Suena un poco sencillo, pero para mí fue aberrante, doloroso y muy cansado. Para colocar la sonda debía estar sentado, con la espalda erguida. Para introducirlo por la nariz se embadurna de un lubricante en gel para no lastimar mucho las vías respiratorias. El médico va empujando la manguera hasta que pasa por el tabique nasal para girar hacia abajo, en dirección hacia el paladar y el esófago. Llegado a este punto, es el paciente quien debe comenzar a tragar, literalmente, el tubo, haciendo el movimiento que se realiza cuando se traga saliva (o cualquier cosa, en realidad).
Necesité dos intentos para hacer pasar la sonda por la garganta, en ambos vomité. La sensación me parecía abrumadora (¿ya dije dolorosa o traumante?). Cuando el tubo llegó al estómago, el médico de guardia (no expliqué que el especialista ya se había ido) procedió a fijar la manguera en mi nariz con cinta adhesiva, para evitar que el movimiento al caminar o tragar saliva o hablar o respirar lastimara la vía respiratoria o que la manguera se saliera.
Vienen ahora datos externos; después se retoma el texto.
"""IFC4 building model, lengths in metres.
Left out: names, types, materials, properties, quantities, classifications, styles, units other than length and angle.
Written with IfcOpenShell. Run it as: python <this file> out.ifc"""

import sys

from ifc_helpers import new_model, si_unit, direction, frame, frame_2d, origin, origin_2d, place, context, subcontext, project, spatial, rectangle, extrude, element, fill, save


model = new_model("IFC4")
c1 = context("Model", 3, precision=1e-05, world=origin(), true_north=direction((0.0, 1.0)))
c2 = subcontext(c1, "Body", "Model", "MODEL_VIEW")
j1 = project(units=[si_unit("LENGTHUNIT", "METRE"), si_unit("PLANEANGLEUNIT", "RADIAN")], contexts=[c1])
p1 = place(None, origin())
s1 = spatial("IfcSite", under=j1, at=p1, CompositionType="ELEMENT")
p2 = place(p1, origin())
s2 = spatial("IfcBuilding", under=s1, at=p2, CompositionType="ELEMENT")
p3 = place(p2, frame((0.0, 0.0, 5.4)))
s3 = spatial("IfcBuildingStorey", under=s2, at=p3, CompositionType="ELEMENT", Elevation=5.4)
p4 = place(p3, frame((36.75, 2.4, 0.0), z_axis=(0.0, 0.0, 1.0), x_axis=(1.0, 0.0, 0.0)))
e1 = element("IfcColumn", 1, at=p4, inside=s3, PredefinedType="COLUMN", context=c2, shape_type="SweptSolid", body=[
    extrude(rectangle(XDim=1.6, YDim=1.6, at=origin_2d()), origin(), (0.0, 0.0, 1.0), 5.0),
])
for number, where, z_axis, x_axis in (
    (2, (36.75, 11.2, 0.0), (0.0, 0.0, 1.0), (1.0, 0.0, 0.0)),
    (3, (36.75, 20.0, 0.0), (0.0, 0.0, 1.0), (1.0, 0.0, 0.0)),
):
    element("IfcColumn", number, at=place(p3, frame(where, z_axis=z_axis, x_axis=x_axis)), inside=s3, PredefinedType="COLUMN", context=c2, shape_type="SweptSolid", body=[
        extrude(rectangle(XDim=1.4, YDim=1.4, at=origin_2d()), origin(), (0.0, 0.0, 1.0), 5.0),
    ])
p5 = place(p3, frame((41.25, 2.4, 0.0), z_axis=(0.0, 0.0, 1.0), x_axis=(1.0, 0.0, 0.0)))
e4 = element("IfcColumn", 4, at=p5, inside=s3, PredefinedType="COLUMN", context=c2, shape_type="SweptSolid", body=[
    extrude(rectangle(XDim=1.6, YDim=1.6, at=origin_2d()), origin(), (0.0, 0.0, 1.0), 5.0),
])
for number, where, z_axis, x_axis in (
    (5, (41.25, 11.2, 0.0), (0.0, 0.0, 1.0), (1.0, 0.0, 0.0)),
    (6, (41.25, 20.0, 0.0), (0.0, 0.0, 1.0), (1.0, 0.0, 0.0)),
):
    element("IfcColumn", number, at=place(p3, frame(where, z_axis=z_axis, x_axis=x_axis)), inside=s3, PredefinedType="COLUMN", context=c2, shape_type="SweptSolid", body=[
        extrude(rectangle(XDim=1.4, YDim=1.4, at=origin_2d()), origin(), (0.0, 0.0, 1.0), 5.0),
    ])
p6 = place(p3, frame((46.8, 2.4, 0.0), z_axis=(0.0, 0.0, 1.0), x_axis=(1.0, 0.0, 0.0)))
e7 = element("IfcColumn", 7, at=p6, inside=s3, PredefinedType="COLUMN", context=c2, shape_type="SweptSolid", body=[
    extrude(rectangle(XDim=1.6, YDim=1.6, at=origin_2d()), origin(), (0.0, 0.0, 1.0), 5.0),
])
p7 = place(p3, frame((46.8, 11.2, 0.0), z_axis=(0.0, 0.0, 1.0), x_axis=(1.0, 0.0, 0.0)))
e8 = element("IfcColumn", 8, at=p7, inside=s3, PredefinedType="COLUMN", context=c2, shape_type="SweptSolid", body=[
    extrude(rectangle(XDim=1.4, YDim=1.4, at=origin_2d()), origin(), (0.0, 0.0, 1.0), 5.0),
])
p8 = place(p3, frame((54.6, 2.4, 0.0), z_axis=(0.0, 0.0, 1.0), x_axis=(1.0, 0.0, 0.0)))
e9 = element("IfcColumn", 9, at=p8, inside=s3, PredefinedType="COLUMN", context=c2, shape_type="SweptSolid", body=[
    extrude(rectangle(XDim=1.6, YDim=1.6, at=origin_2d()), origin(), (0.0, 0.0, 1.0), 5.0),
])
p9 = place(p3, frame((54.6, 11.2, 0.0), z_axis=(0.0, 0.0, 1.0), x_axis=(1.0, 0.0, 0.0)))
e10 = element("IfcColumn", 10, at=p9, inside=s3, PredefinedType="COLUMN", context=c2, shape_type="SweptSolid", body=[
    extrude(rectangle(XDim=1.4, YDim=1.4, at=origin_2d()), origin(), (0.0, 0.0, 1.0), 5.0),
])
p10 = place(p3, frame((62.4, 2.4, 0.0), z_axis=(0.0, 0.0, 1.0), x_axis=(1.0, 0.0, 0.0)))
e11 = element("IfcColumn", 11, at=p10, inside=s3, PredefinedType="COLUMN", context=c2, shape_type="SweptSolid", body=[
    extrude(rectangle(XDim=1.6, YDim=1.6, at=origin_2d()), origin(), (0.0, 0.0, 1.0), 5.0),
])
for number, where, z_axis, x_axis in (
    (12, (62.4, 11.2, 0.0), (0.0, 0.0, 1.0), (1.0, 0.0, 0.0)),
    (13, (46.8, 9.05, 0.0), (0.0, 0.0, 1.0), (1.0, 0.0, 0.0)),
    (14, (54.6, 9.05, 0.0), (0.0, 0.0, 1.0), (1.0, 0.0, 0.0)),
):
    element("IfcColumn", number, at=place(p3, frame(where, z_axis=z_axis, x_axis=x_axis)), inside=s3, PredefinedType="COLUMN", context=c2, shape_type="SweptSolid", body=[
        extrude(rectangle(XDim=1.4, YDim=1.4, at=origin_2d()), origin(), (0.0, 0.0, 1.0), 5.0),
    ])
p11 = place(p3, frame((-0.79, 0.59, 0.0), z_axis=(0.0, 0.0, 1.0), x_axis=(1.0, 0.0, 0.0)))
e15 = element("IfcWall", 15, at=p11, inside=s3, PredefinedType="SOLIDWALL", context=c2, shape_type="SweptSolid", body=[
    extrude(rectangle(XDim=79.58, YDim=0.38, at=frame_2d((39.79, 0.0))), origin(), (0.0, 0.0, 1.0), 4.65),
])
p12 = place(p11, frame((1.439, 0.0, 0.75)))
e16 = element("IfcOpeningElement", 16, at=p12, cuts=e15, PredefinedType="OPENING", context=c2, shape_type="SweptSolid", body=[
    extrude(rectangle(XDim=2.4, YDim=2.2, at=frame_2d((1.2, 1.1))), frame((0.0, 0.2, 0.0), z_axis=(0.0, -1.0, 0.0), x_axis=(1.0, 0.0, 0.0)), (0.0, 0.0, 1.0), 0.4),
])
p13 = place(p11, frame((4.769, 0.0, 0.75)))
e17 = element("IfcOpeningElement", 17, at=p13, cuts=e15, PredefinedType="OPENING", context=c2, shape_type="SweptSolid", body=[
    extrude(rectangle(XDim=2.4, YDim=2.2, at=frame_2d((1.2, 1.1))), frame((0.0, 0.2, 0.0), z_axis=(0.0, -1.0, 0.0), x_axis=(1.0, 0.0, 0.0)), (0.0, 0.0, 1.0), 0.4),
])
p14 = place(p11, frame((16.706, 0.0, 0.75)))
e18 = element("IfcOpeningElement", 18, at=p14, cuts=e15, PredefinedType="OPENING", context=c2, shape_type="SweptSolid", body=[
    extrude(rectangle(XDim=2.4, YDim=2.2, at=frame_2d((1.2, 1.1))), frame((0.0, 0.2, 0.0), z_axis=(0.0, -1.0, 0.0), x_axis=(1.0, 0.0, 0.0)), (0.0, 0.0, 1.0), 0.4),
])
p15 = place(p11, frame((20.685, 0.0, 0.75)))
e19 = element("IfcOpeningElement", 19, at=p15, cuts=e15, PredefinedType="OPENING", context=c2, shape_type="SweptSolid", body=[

Pues ahí quedé, con una bolsa colgando de mi nariz, pegada a una manguera de plástico. Sin atreverme a hablar e intentando no tragar saliva. El sólo hecho de respirar me causaba dolor e incomodidad... y el malestar apenas si había disminuido.
Recuerdo que casi una semana estuve con la sonda nasogástrica, caminando, respirando, en silencio, haciendo gestos para comunicarme, pues hablar me causaba una sensación demasiado incómoda y lastimaba mi garganta.
Resultó que la sonda no logró todo lo que debía: volví a vomitar un par de veces y la sonda no logró contener el fluido, es decir, éste salió tanto por la manguera como por la boca al mismo tiempo. Así que cambiaron la bolsa por una bomba al vacío (un bote de vidrio grande, conectado a una máquina que succionaba el líquido gastrointestinal). A partir de ese momento ni siquiera podía caminar, pues la bomba era grande y pesada, así que me la pasé mucho tiempo en cama.
El bote se llenaba de ese líquido verdoso, hasta que al tercer día comenzó a llenarse de líquido transparente, muy parecido a la saliva. El malestar había desaparecido. Por supuesto, durante toda esa semana no volví a probar líquido ni alimento alguno.
En conjunción con la sonda, los médicos me mojaban el estoma con un medicamento (Bamitol, creo) que servía para deshidratarlo, pues se encontraba edematizado, lo que significaba que mi intestino estaba inflamado también. Al parecer la cantidad de suero que estaba recibiendo mi cuerpo no sólo había hinchado mis extremidades hasta hacerlas parecer guantes llenos de agua, sino también mivísceras, inflamadas de por sí, debido a la cirugía.
Para quitar la sonda, debí sentarme. Me quitaron la cinta adhesiva de la nariz (me quedó un raspón y una ligera hendidura en el borde de mi fosa nasal). Pedí que me pasaran el bote por si vomitaba, me dijeron que si. Me pidieron que aguantara la respiración y, de improviso, sacaron la manguera en un solo movimiento (nadie me pasó ningún bote), afortunadamente no vomité.
Alivio, gratitud, respiré profundamente y sentí cómo el aire llenaba mis pulmones sin malestar, sin dificultad. Me dejaron enjuagarme la boca y, más tarde, podría reiniciar la ingesta de sorbitos de agua.